Aku telah membuat sahabatku sendiri menderita. Dari diary
nya itu aku bisa merasakan bagaimana penderitaannya. Dia pasti sangat amat tersiksa.
Melihat sahabatnya sendiri bersanding bersama orang yang
disayangi. Dan bahkan kini aku sudah mengandung bayi dari sosok pria yang dia
cintai. Aisyah oh Aisyah. Tolong maafkan sahabatmu yang bodoh ini.
Cukup lama aku menangis. Dan kini, air mataku seperti sudah
habis. Air mataku sudah kering tapi lukaku masih sangat basah. Tidak kusangka
semuanya akan jadi seperti ini.
Aku menghubungi orang tua Aisyah ditengah malam. Aku
benar-benar sudah tidak tau apa yang harus ku lakukan. Tapi, orang tua Aisyah
tidak mau mengangkat teleponku. Aku semakin panik.
Aku benar-benar tidak tau harus berbuat apa. Sampai akhirnya
keputusan terakhirku adalah menelpon mas Ridho. Sudah kuputuskan, aku akan
meminta mas Ridho untuk menikahi Aisyah.
Tidak ada pilihan lain. Hanya itu. hanya dengan menikahkan
mas Ridho dengan Aisyah lah nyawa Aisyah bisa tertolong. Peralatan medis sama
sekali tidak bisa membantu.
Penyakit yang disebabkan oleh cinta sama sekali tak bisa
terdeteksi oleh dokter. Dan satu-satu nya obat yang bisa digunanakan untuk
mengatasi penyakit yang disebabkan oleh cinta, adalah cinta itu sendiri.
***
Hari ini adalah hari pernikahan mas Ridho dengan Aisyah.
Aisyah masih dalam kondisi tak sadarkan diri. Tapi aku tetap memaksa mas Ridho
menikahinya. Hanya inilah satu-satunya cara yang aku tau.

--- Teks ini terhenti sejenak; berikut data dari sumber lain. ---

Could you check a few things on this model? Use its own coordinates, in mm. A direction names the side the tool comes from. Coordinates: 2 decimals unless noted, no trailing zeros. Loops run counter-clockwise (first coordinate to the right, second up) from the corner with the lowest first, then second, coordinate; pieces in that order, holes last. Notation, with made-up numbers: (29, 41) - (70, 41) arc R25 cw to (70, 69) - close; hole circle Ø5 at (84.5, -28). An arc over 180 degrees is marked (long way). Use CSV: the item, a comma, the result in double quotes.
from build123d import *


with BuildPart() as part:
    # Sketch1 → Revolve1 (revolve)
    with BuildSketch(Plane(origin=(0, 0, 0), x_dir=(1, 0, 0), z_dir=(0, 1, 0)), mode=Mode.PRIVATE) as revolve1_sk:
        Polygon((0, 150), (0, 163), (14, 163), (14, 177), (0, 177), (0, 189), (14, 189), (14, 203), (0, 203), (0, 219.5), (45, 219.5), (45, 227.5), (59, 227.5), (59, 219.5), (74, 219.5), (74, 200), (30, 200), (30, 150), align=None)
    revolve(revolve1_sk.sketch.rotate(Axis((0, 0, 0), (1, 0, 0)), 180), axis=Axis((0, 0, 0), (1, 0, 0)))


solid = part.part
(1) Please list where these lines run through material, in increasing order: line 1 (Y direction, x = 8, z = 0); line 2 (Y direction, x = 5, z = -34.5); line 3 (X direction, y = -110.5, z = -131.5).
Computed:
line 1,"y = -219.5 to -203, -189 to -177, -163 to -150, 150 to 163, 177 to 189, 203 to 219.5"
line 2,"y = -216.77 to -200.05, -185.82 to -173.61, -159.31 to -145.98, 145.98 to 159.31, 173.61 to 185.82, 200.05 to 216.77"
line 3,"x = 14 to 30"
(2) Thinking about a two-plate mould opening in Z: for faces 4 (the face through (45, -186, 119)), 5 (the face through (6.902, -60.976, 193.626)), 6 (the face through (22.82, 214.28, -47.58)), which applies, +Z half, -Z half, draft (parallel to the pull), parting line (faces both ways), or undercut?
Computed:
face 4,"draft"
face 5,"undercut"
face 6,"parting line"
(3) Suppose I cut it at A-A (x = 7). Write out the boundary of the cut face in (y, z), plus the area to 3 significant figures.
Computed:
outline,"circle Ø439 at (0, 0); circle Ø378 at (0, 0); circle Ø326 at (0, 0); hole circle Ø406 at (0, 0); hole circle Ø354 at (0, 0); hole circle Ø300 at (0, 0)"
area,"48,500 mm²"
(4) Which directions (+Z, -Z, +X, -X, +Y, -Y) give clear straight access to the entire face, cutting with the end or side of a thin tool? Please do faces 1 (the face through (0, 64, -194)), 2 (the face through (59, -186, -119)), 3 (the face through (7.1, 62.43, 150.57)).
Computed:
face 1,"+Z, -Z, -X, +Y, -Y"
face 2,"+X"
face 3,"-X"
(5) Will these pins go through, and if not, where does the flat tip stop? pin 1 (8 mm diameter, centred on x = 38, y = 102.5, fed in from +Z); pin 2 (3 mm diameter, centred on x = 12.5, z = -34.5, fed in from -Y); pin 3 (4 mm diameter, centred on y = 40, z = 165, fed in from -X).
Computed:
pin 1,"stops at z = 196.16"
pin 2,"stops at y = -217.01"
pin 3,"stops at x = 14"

Aku sudah meminta izin dari kedua orang tua Aisyah, dan
mereka menyetujinya. Meskipun harus diiringi dengan sedikit drama dan air mata.
Mereka merasa kasihan padaku.
Tapi aku lebih merasa kasihan pada anak mereka. Sama sekali
tidak adil jika Aisyah harus meninggal hanya karena cintanya pada mas Ridho.
Dan aku juga tidak akan bisa berbahagia atas kepergiannya. Dia sudah lebih dari
sekedar sahabat.
Dia adalah anugerah yang tak pernah ternilai. Dia lah sosok
malaikat yang Tuhan kirimkan untukku. Menemani dan mendengarkan setiap
kerisauanku. Menjagaku, danm memberikan semangat kala aku lemah.
“Saaah” ucap para hadirin yang menghadiri pernikahan itu.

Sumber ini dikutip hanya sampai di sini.